[pass] [PATCH] Added 'rename' command
Tobias V. Langhoff
tobias at langhoff.no
Thu Apr 17 22:50:31 CEST 2014
On Thu, Apr 17, 2014 at 9:05 PM, Brian Shore <brian at networkredux.com> wrote:
> On Thu, Apr 17, 2014 at 11:24 AM, Matthieu Weber <mweber at free.fr> wrote:
>> On Thu 17.04.2014 at 08:34:05AM -0700, Brian Shore wrote:
>>> On Thu, Apr 17, 2014 at 6:27 AM, Matthieu Weber <mweber at free.fr> wrote:
>>> > pass mv is not about managing files, it is about changing the
>>> > meta-information of the password, namely its identifier. The fact that
>>> > it boils down to renaming a file is just a technicality. You can ditch
>>> > the "pass mv" shortcut if you want and provide only "pass rename" and
>>> > then it's not anymore about moving files, but about managing passwords.

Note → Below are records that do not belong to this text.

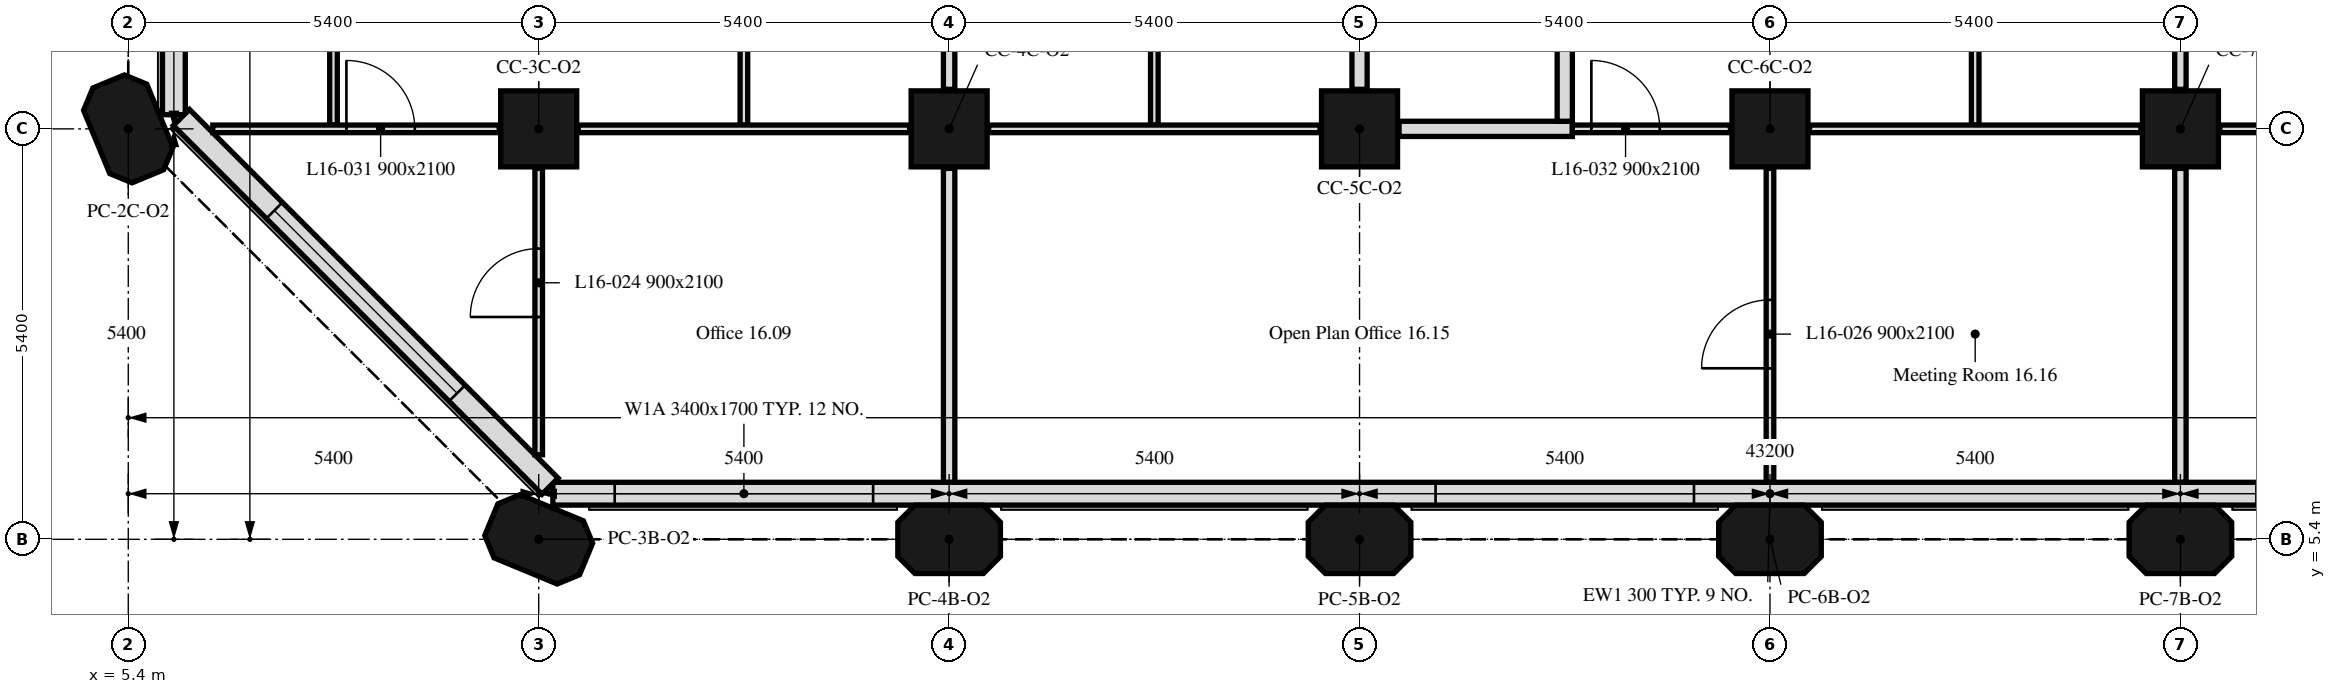
"""IFC4 building model, lengths in metres.
Left out: names, types, materials, properties, quantities, classifications, styles, units other than length and angle.
Written with IfcOpenShell. Run it as: python <this file> out.ifc"""

import sys

from ifc_helpers import new_model, si_unit, direction, frame, frame_2d, origin, origin_2d, place, context, subcontext, project, spatial, polyline, rectangle, outline, extrude, element, fill, save


model = new_model("IFC4")
c1 = context("Model", 3, precision=1e-05, world=origin(), true_north=direction((0.0, 1.0)))
c2 = subcontext(c1, "Body", "Model", "MODEL_VIEW")
j1 = project(units=[si_unit("LENGTHUNIT", "METRE"), si_unit("PLANEANGLEUNIT", "RADIAN")], contexts=[c1])
p1 = place(None, origin())
s1 = spatial("IfcSite", under=j1, at=p1, CompositionType="ELEMENT")
p2 = place(p1, origin())
s2 = spatial("IfcBuilding", under=s1, at=p2, CompositionType="ELEMENT")
p3 = place(p2, frame((0.0, 0.0, 72.6)))
s3 = spatial("IfcBuildingStorey", under=s2, at=p3, CompositionType="ELEMENT", Elevation=72.6)
for number, where, z_axis, x_axis in (
    (1, (10.8, 5.4, 0.0), (0.0, 0.0, 1.0), (-0.924, 0.383, 0.0)),
    (2, (16.2, 5.4, 0.0), (0.0, 0.0, 1.0), (1.0, 0.0, 0.0)),
    (3, (21.6, 5.4, 0.0), (0.0, 0.0, 1.0), (1.0, 0.0, 0.0)),
    (4, (27.0, 5.4, 0.0), (0.0, 0.0, 1.0), (1.0, 0.0, 0.0)),
    (5, (32.4, 5.4, 0.0), (0.0, 0.0, 1.0), (1.0, 0.0, 0.0)),
    (6, (5.4, 10.8, 0.0), (0.0, 0.0, 1.0), (-0.383, 0.924, 0.0)),
):
    element("IfcColumn", number, at=place(p3, frame(where, z_axis=z_axis, x_axis=x_axis)), inside=s3, PredefinedType="COLUMN", context=c2, shape_type="SweptSolid", body=[
        extrude(outline(polyline([(-0.45, -0.45), (0.45, -0.45), (0.675, -0.225), (0.675, 0.225), (0.45, 0.45), (-0.45, 0.45), (-0.675, 0.225), (-0.675, -0.225), (-0.45, -0.45)])), origin(), (0.0, 0.0, 1.0), 3.5),
    ])
for number, where, z_axis, x_axis in (
    (7, (10.8, 10.8, 0.0), (0.0, 0.0, 1.0), (1.0, 0.0, 0.0)),
    (8, (16.2, 10.8, 0.0), (0.0, 0.0, 1.0), (1.0, 0.0, 0.0)),
    (9, (21.6, 10.8, 0.0), (0.0, 0.0, 1.0), (1.0, 0.0, 0.0)),
    (10, (27.0, 10.8, 0.0), (0.0, 0.0, 1.0), (1.0, 0.0, 0.0)),
    (11, (32.4, 10.8, 0.0), (0.0, 0.0, 1.0), (1.0, 0.0, 0.0)),
):
    element("IfcColumn", number, at=place(p3, frame(where, z_axis=z_axis, x_axis=x_axis)), inside=s3, PredefinedType="COLUMN", context=c2, shape_type="SweptSolid", body=[
        extrude(rectangle(XDim=1.0, YDim=1.0, at=origin_2d()), origin(), (0.0, 0.0, 1.0), 3.5),
    ])
p4 = place(p3, frame((10.986, 6.0, 0.0), z_axis=(0.0, 0.0, 1.0), x_axis=(1.0, 0.0, 0.0)))
e12 = element("IfcWall", 12, at=p4, inside=s3, PredefinedType="SOLIDWALL", context=c2, shape_type="SweptSolid", body=[
    extrude(rectangle(XDim=32.027, YDim=0.3, at=frame_2d((16.014, 0.0))), origin(), (0.0, 0.0, 1.0), 3.5),
])
p5 = place(p4, frame((0.814, 0.0, 0.9)))
e13 = element("IfcOpeningElement", 13, at=p5, cuts=e12, PredefinedType="OPENING", context=c2, shape_type="SweptSolid", body=[
    extrude(rectangle(XDim=3.4, YDim=1.7, at=frame_2d((1.7, 0.85))), frame((0.0, 0.16, 0.0), z_axis=(0.0, -1.0, 0.0), x_axis=(1.0, 0.0, 0.0)), (0.0, 0.0, 1.0), 0.32),
])
p6 = place(p4, frame((11.614, 0.0, 0.9)))
e14 = element("IfcOpeningElement", 14, at=p6, cuts=e12, PredefinedType="OPENING", context=c2, shape_type="SweptSolid", body=[
    extrude(rectangle(XDim=3.4, YDim=1.7, at=frame_2d((1.7, 0.85))), frame((0.0, 0.16, 0.0), z_axis=(0.0, -1.0, 0.0), x_axis=(1.0, 0.0, 0.0)), (0.0, 0.0, 1.0), 0.32),
])
p7 = place(p4, frame((22.414, 0.0, 0.9)))
e15 = element("IfcOpeningElement", 15, at=p7, cuts=e12, PredefinedType="OPENING", context=c2, shape_type="SweptSolid", body=[
    extrude(rectangle(XDim=3.4, YDim=1.7, at=frame_2d((1.7, 0.85))), frame((0.0, 0.16, 0.0), z_axis=(0.0, -1.0, 0.0), x_axis=(1.0, 0.0, 0.0)), (0.0, 0.0, 1.0), 0.32),
])
p8 = place(p3, frame((6.0, 16.2, 0.0), z_axis=(0.0, 0.0, 1.0), x_axis=(0.0, -1.0, 0.0)))
e16 = element("IfcWall", 16, at=p8, inside=s3, PredefinedType="SOLIDWALL", context=c2, shape_type="SweptSolid", body=[
    extrude(rectangle(XDim=5.214, YDim=0.3, at=frame_2d((2.607, 0.0))), origin(), (0.0, 0.0, 1.0), 3.5),
])
p9 = place(p3, frame((6.099, 10.949, 0.0), z_axis=(0.0, 0.0, 1.0), x_axis=(0.707106781187, -0.707106781187, 0.0)))
e17 = element("IfcWall", 17, at=p9, inside=s3, PredefinedType="SOLIDWALL", context=c2, shape_type="SweptSolid", body=[
    extrude(rectangle(XDim=6.86, YDim=0.3, at=frame_2d((3.43, 0.0))), origin(), (0.0, 0.0, 1.0), 3.5),
])
p10 = place(p9, frame((1.73, 0.0, 0.9)))
e18 = element("IfcOpeningElement", 18, at=p10, cuts=e17, PredefinedType="OPENING", context=c2, shape_type="SweptSolid", body=[
    extrude(rectangle(XDim=3.4, YDim=1.7, at=frame_2d((1.7, 0.85))), frame((0.0, 0.16, 0.0), z_axis=(0.0, -1.0, 0.0), x_axis=(1.0, 0.0, 0.0)), (0.0, 0.0, 1.0), 0.32),
])
p11 = place(p3, frame((8.1, 10.85, 0.0), z_axis=(0.0, 0.0, 1.0), x_axis=(0.0, 1.0, 0.0)))
e19 = element("IfcWall", 19, at=p11, inside=s3, PredefinedType="PARTITIONING", context=c2, shape_type="SweptSolid", body=[
    extrude(rectangle(XDim=2.575, YDim=0.1, at=frame_2d((1.288, 0.0))), origin(), (0.0, 0.0, 1.0), 3.5),
])
p12 = place(p3, frame((6.512, 10.8, 0.0), z_axis=(0.0, 0.0, 1.0), x_axis=(1.0, 0.0, 0.0)))
e20 = element("IfcWall", 20, at=p12, inside=s3, PredefinedType="PARTITIONING", context=c2, shape_type="SweptSolid", body=[
    extrude(rectangle(XDim=3.768, YDim=0.1, at=frame_2d((1.884, 0.0))), origin(), (0.0, 0.0, 1.0), 3.5),
])
p13 = place(p12, frame((1.758, 0.0, 0.0)))
e21 = element("IfcOpeningElement", 21, at=p13, cuts=e20, PredefinedType="OPENING", context=c2, shape_type="SweptSolid", body=[
    extrude(rectangle(XDim=0.9, YDim=2.1, at=frame_2d((0.45, 1.05))), frame((0.0, 0.05, 0.0), z_axis=(0.0, -1.0, 0.0), x_axis=(1.0, 0.0, 0.0)), (0.0, 0.0, 1.0), 0.1),
])
p14 = place(p3, frame((13.5, 10.85, 0.0), z_axis=(0.0, 0.0, 1.0), x_axis=(0.0, 1.0, 0.0)))
e22 = element("IfcWall", 22, at=p14, inside=s3, PredefinedType="PARTITIONING", context=c2, shape_type="SweptSolid", body=[
    extrude(rectangle(XDim=2.575, YDim=0.1, at=frame_2d((1.288, 0.0))), origin(), (0.0, 0.0, 1.0), 3.5),
])
p15 = place(p14, frame((1.425, 0.0, 0.0)))
e23 = element("IfcOpeningElement", 23, at=p15, cuts=e22, PredefinedType="OPENING", context=c2, shape_type="SweptSolid", body=[
    extrude(rectangle(XDim=0.9, YDim=2.1, at=frame_2d((0.45, 1.05))), frame((0.0, 0.05, 0.0), z_axis=(0.0, -1.0, 0.0), x_axis=(1.0, 0.0, 0.0)), (0.0, 0.0, 1.0), 0.1),
])
p16 = place(p3, frame((11.32, 10.8, 0.0), z_axis=(0.0, 0.0, 1.0), x_axis=(1.0, 0.0, 0.0)))
e24 = element("IfcWall", 24, at=p16, inside=s3, PredefinedType="PARTITIONING", context=c2, shape_type="SweptSolid", body=[
    extrude(rectangle(XDim=4.36, YDim=0.1, at=frame_2d((2.18, 0.0))), origin(), (0.0, 0.0, 1.0), 3.5),
])
p17 = place(p3, frame((16.2, 11.32, 0.0), z_axis=(0.0, 0.0, 1.0), x_axis=(0.0, 1.0, 0.0)))
e25 = element("IfcWall", 25, at=p17, inside=s3, PredefinedType="PARTITIONING", context=c2, shape_type="SweptSolid", body=[
    extrude(rectangle(XDim=2.105, YDim=0.15, at=frame_2d((1.052, 0.0))), origin(), (0.0, 0.0, 1.0), 3.5),
])
p18 = place(p3, frame((10.8, 6.512, 0.0), z_axis=(0.0, 0.0, 1.0), x_axis=(0.0, 1.0, 0.0)))
e26 = element("IfcWall", 26, at=p18, inside=s3, PredefinedType="PARTITIONING", context=c2, shape_type="SweptSolid", body=[
    extrude(rectangle(XDim=3.768, YDim=0.1, at=frame_2d((1.884, 0.0))), origin(), (0.0, 0.0, 1.0), 3.5),
])
p19 = place(p18, frame((1.813, 0.0, 0.0)))
e27 = element("IfcOpeningElement", 27, at=p19, cuts=e26, PredefinedType="OPENING", context=c2, shape_type="SweptSolid", body=[
    extrude(rectangle(XDim=0.9, YDim=2.1, at=frame_2d((0.45, 1.05))), frame((0.0, 0.05, 0.0), z_axis=(0.0, -1.0, 0.0), x_axis=(1.0, 0.0, 0.0)), (0.0, 0.0, 1.0), 0.1),
])
p20 = place(p3, frame((16.2, 6.151, 0.0), z_axis=(0.0, 0.0, 1.0), x_axis=(0.0, 1.0, 0.0)))
e28 = element("IfcWall", 28, at=p20, inside=s3, PredefinedType="PARTITIONING", context=c2, shape_type="SweptSolid", body=[
    extrude(rectangle(XDim=4.129, YDim=0.15, at=frame_2d((2.064, 0.0))), origin(), (0.0, 0.0, 1.0), 3.5),
])
p21 = place(p3, frame((18.9, 10.85, 0.0), z_axis=(0.0, 0.0, 1.0), x_axis=(0.0, 1.0, 0.0)))
e29 = element("IfcWall", 29, at=p21, inside=s3, PredefinedType="PARTITIONING", context=c2, shape_type="SweptSolid", body=[
    extrude(rectangle(XDim=2.575, YDim=0.1, at=frame_2d((1.288, 0.0))), origin(), (0.0, 0.0, 1.0), 3.5),
])
p22 = place(p3, frame((16.72, 10.8, 0.0), z_axis=(0.0, 0.0, 1.0), x_axis=(1.0, 0.0, 0.0)))
e30 = element("IfcWall", 30, at=p22, inside=s3, PredefinedType="PARTITIONING", context=c2, shape_type="SweptSolid", body=[
    extrude(rectangle(XDim=4.36, YDim=0.1, at=frame_2d((2.18, 0.0))), origin(), (0.0, 0.0, 1.0), 3.5),
])
p23 = place(p3, frame((21.6, 11.32, 0.0), z_axis=(0.0, 0.0, 1.0), x_axis=(0.0, 1.0, 0.0)))
e31 = element("IfcWall", 31, at=p23, inside=s3, PredefinedType="PARTITIONING", context=c2, shape_type="SweptSolid", body=[
    extrude(rectangle(XDim=2.08, YDim=0.2, at=frame_2d((1.04, 0.0))), origin(), (0.0, 0.0, 1.0), 3.5),
])
p24 = place(p3, frame((22.12, 10.8, 0.0), z_axis=(0.0, 0.0, 1.0), x_axis=(1.0, 0.0, 0.0)))
e32 = element("IfcWall", 32, at=p24, inside=s3, PredefinedType="PARTITIONING", context=c2, shape_type="SweptSolid", body=[
    extrude(rectangle(XDim=2.28, YDim=0.2, at=frame_2d((1.14, 0.0))), origin(), (0.0, 0.0, 1.0), 3.5),
])
p25 = place(p3, frame((24.3, 10.9, 0.0), z_axis=(0.0, 0.0, 1.0), x_axis=(0.0, 1.0, 0.0)))
e33 = element("IfcWall", 33, at=p25, inside=s3, PredefinedType="PARTITIONING", context=c2, shape_type="SweptSolid", body=[
    extrude(rectangle(XDim=2.5, YDim=0.2, at=frame_2d((1.25, 0.0))), origin(), (0.0, 0.0, 1.0), 3.5),
])
p26 = place(p3, frame((24.4, 10.8, 0.0), z_axis=(0.0, 0.0, 1.0), x_axis=(1.0, 0.0, 0.0)))
e34 = element("IfcWall", 34, at=p26, inside=s3, PredefinedType="PARTITIONING", context=c2, shape_type="SweptSolid", body=[
    extrude(rectangle(XDim=2.08, YDim=0.1, at=frame_2d((1.04, 0.0))), origin(), (0.0, 0.0, 1.0), 3.5),
])
p27 = place(p26, frame((0.25, 0.0, 0.0)))
e35 = element("IfcOpeningElement", 35, at=p27, cuts=e34, PredefinedType="OPENING", context=c2, shape_type="SweptSolid", body=[
    extrude(rectangle(XDim=0.9, YDim=2.1, at=frame_2d((0.45, 1.05))), frame((0.0, 0.05, 0.0), z_axis=(0.0, -1.0, 0.0), x_axis=(1.0, 0.0, 0.0)), (0.0, 0.0, 1.0), 0.1),
])
p28 = place(p3, frame((29.7, 10.85, 0.0), z_axis=(0.0, 0.0, 1.0), x_axis=(0.0, 1.0, 0.0)))
e36 = element("IfcWall", 36, at=p28, inside=s3, PredefinedType="PARTITIONING", context=c2, shape_type="SweptSolid", body=[
    extrude(rectangle(XDim=2.575, YDim=0.1, at=frame_2d((1.288, 0.0))), origin(), (0.0, 0.0, 1.0), 3.5),
])
p29 = place(p28, frame((1.425, 0.0, 0.0)))
e37 = element("IfcOpeningElement", 37, at=p29, cuts=e36, PredefinedType="OPENING", context=c2, shape_type="SweptSolid", body=[
    extrude(rectangle(XDim=0.9, YDim=2.1, at=frame_2d((0.45, 1.05))), frame((0.0, 0.05, 0.0), z_axis=(0.0, -1.0, 0.0), x_axis=(1.0, 0.0, 0.0)), (0.0, 0.0, 1.0), 0.1),
])
p30 = place(p3, frame((27.52, 10.8, 0.0), z_axis=(0.0, 0.0, 1.0), x_axis=(1.0, 0.0, 0.0)))
e38 = element("IfcWall", 38, at=p30, inside=s3, PredefinedType="PARTITIONING", context=c2, shape_type="SweptSolid", body=[
    extrude(rectangle(XDim=4.36, YDim=0.1, at=frame_2d((2.18, 0.0))), origin(), (0.0, 0.0, 1.0), 3.5),
])
p31 = place(p3, frame((32.4, 11.32, 0.0), z_axis=(0.0, 0.0, 1.0), x_axis=(0.0, 1.0, 0.0)))
e39 = element("IfcWall", 39, at=p31, inside=s3, PredefinedType="PARTITIONING", context=c2, shape_type="SweptSolid", body=[
    extrude(rectangle(XDim=2.105, YDim=0.15, at=frame_2d((1.052, 0.0))), origin(), (0.0, 0.0, 1.0), 3.5),
])
p32 = place(p3, frame((27.0, 6.151, 0.0), z_axis=(0.0, 0.0, 1.0), x_axis=(0.0, 1.0, 0.0)))
e40 = element("IfcWall", 40, at=p32, inside=s3, PredefinedType="PARTITIONING", context=c2, shape_type="SweptSolid", body=[
    extrude(rectangle(XDim=4.129, YDim=0.1, at=frame_2d((2.064, 0.0))), origin(), (0.0, 0.0, 1.0), 3.5),
])
p33 = place(p32, frame((1.499, 0.0, 0.0)))
e41 = element("IfcOpeningElement", 41, at=p33, cuts=e40, PredefinedType="OPENING", context=c2, shape_type="SweptSolid", body=[
    extrude(rectangle(XDim=0.9, YDim=2.1, at=frame_2d((0.45, 1.05))), frame((0.0, 0.05, 0.0), z_axis=(0.0, -1.0, 0.0), x_axis=(1.0, 0.0, 0.0)), (0.0, 0.0, 1.0), 0.1),
])
p34 = place(p3, frame((32.4, 6.151, 0.0), z_axis=(0.0, 0.0, 1.0), x_axis=(0.0, 1.0, 0.0)))
e42 = element("IfcWall", 42, at=p34, inside=s3, PredefinedType="PARTITIONING", context=c2, shape_type="SweptSolid", body=[
    extrude(rectangle(XDim=4.129, YDim=0.15, at=frame_2d((2.064, 0.0))), origin(), (0.0, 0.0, 1.0), 3.5),
])
p35 = place(p3, frame((32.92, 10.8, 0.0), z_axis=(0.0, 0.0, 1.0), x_axis=(1.0, 0.0, 0.0)))
e43 = element("IfcWall", 43, at=p35, inside=s3, PredefinedType="PARTITIONING", context=c2, shape_type="SweptSolid", body=[
    extrude(rectangle(XDim=4.36, YDim=0.1, at=frame_2d((2.18, 0.0))), origin(), (0.0, 0.0, 1.0), 3.5),
])
p36 = place(p35, frame((1.73, 0.0, 0.0)))
e44 = element("IfcOpeningElement", 44, at=p36, cuts=e43, PredefinedType="OPENING", context=c2, shape_type="SweptSolid", body=[
    extrude(rectangle(XDim=0.9, YDim=2.1, at=frame_2d((0.45, 1.05))), frame((0.0, 0.05, 0.0), z_axis=(0.0, -1.0, 0.0), x_axis=(1.0, 0.0, 0.0)), (0.0, 0.0, 1.0), 0.1),
])
p37 = place(p5, origin())
e45 = element("IfcWindow", 45, at=p37, inside=s3, PartitioningType="SINGLE_PANEL", PredefinedType="WINDOW", context=c2, shape_type="SweptSolid", body=[
    extrude(rectangle(XDim=3.4, YDim=1.7, at=frame_2d((1.7, 0.85))), frame((0.0, 0.03, 0.0), z_axis=(0.0, -1.0, 0.0), x_axis=(1.0, 0.0, 0.0)), (0.0, 0.0, 1.0), 0.06),
])
fill(e13, e45)
p38 = place(p6, origin())
e46 = element("IfcWindow", 46, at=p38, inside=s3, PartitioningType="SINGLE_PANEL", PredefinedType="WINDOW", context=c2, shape_type="SweptSolid", body=[
    extrude(rectangle(XDim=3.4, YDim=1.7, at=frame_2d((1.7, 0.85))), frame((0.0, 0.03, 0.0), z_axis=(0.0, -1.0, 0.0), x_axis=(1.0, 0.0, 0.0)), (0.0, 0.0, 1.0), 0.06),
])
fill(e14, e46)
p39 = place(p10, origin())
e47 = element("IfcWindow", 47, at=p39, inside=s3, PartitioningType="SINGLE_PANEL", PredefinedType="WINDOW", context=c2, shape_type="SweptSolid", body=[
    extrude(rectangle(XDim=3.4, YDim=1.7, at=frame_2d((1.7, 0.85))), frame((0.0, 0.03, 0.0), z_axis=(0.0, -1.0, 0.0), x_axis=(1.0, 0.0, 0.0)), (0.0, 0.0, 1.0), 0.06),
])
fill(e18, e47)
p40 = place(p19, origin())
e48 = element("IfcDoor", 48, at=p40, inside=s3, OperationType="SINGLE_SWING_LEFT", PredefinedType="DOOR", context=c2, shape_type="SweptSolid", body=[
    extrude(rectangle(XDim=0.9, YDim=2.1, at=frame_2d((0.45, 1.05))), frame((0.0, 0.025, 0.0), z_axis=(0.0, -1.0, 0.0), x_axis=(1.0, 0.0, 0.0)), (0.0, 0.0, 1.0), 0.05),
])
fill(e27, e48)
p41 = place(p33, origin())
e49 = element("IfcDoor", 49, at=p41, inside=s3, OperationType="SINGLE_SWING_LEFT", PredefinedType="DOOR", context=c2, shape_type="SweptSolid", body=[
    extrude(rectangle(XDim=0.9, YDim=2.1, at=frame_2d((0.45, 1.05))), frame((0.0, 0.025, 0.0), z_axis=(0.0, -1.0, 0.0), x_axis=(1.0, 0.0, 0.0)), (0.0, 0.0, 1.0), 0.05),
])
fill(e41, e49)
p42 = place(p13, origin())
e50 = element("IfcDoor", 50, at=p42, inside=s3, OperationType="SINGLE_SWING_RIGHT", PredefinedType="DOOR", context=c2, shape_type="SweptSolid", body=[
    extrude(rectangle(XDim=0.9, YDim=2.1, at=frame_2d((0.45, 1.05))), frame((0.0, 0.025, 0.0), z_axis=(0.0, -1.0, 0.0), x_axis=(1.0, 0.0, 0.0)), (0.0, 0.0, 1.0), 0.05),
])
fill(e21, e50)
p43 = place(p27, origin())
e51 = element("IfcDoor", 51, at=p43, inside=s3, OperationType="SINGLE_SWING_LEFT", PredefinedType="DOOR", context=c2, shape_type="SweptSolid", body=[
    extrude(rectangle(XDim=0.9, YDim=2.1, at=frame_2d((0.45, 1.05))), frame((0.0, 0.025, 0.0), z_axis=(0.0, -1.0, 0.0), x_axis=(1.0, 0.0, 0.0)), (0.0, 0.0, 1.0), 0.05),
])
fill(e35, e51)
save(model, sys.argv[1])

>>> > That's exactly what pass is for. Maybe we can rename "pass mv" into
>>> > "pass rn" so that it doesn't sound like the shell's mv command?
>>>
>>> I think we could avoid some of the file manager difficulties by
>>> letting pass tell us something about its configuration.
>>
>> Is exposing the internals of a software any better than making said
>> software do more than the most fundamental operations? (this is not only
>> trolling, it is also a philosophical question).
>
> That depends. Exposing something in a controlled and consistent way
> is useful. This is why accessor and mutator methods for changing an
> object's internal state is preferred over direct access to member
> fields. We let the object directly manage the internal state, we let
> pass directly manage its guts too. But pass isn't prohibited from
> telling us where are passwords are stored.
>
> As far as exceeding the most fundamental operations, this is a
> continuum. Useful tools often do more than the most fundamental
> operations, they often also do composite operations that are difficult
> to do right (e.g. if a series of operations must be performed in a
> specific order), operations that are very frequently used (but
> trivially composed of fundamental operations), etc. We just need to
> find a balance between minimalism and efficient usability.
>
>>> For example, if pass will tell us the prefix, we can easily stuff that
>>> into calls to the standard file tools:
>>>
>>> # change `pass show foo/bar/baz` to `pass show foo/moo/goo`
>>> /bin/mv -v $(pass --printconfig prefix)/foo/bar/baz $(pass
>>> --printconfig prefix)/foo/moo/goo
>>
>> But as Jason pointed out, if the target directory has a different key
>> ID, then reencrypting the file is necessary. What about something like
>>
>> pass foo/bar |pass insert -m baz/quux && pass rm foo/bar
>
> Works for me.
>
>> What about
>>
>> pass git archive -o pass.backup.$(date +Y%m%dT%H%M%S).tar.gz master
>>
>> Again, this doesn't expose pass's internals too much, but I'm still a
>> bit wary about exposing the git repo. "pass git" is very useful for
>> hacking, but it feels dirty.
>>
>>> Thoughts?
>>
>> Well, none of this works if you don't use git. Is anyone using pass
>> without git?
>
> I'm not currently using git to back pass. I do think using `pass git`
> to update or search the filesystem feels very dirty. I think git
> belongs in the background; even if I were using git with pass, I
> wouldn't want to use pass to manage the git repo. In contrast, I
> think using git(1) directly to manage the repo holding the password
> store is fine (although slightly inconvenient if you have to lookup
> the prefix or something).
Interesting, that's completely opposite of how I use pass and git. OK,
not completely; I agree that using `pass git to update and search
feels dirty, and I think git belongs in the background. For that
reason, I prefer using pass directly to manage the git repo, among
other things to make the commit history consistent. Using git(1)
directly on the password store feels inherently dirty to me -- the git
repo is an extension of the password store, not the other way around.
This has little practical bearing, only philosophical, of course, but
one time I added a password I actually didn't want stored, I did `pass
git reset --hard HEAD~1` and had to take a shower afterwards.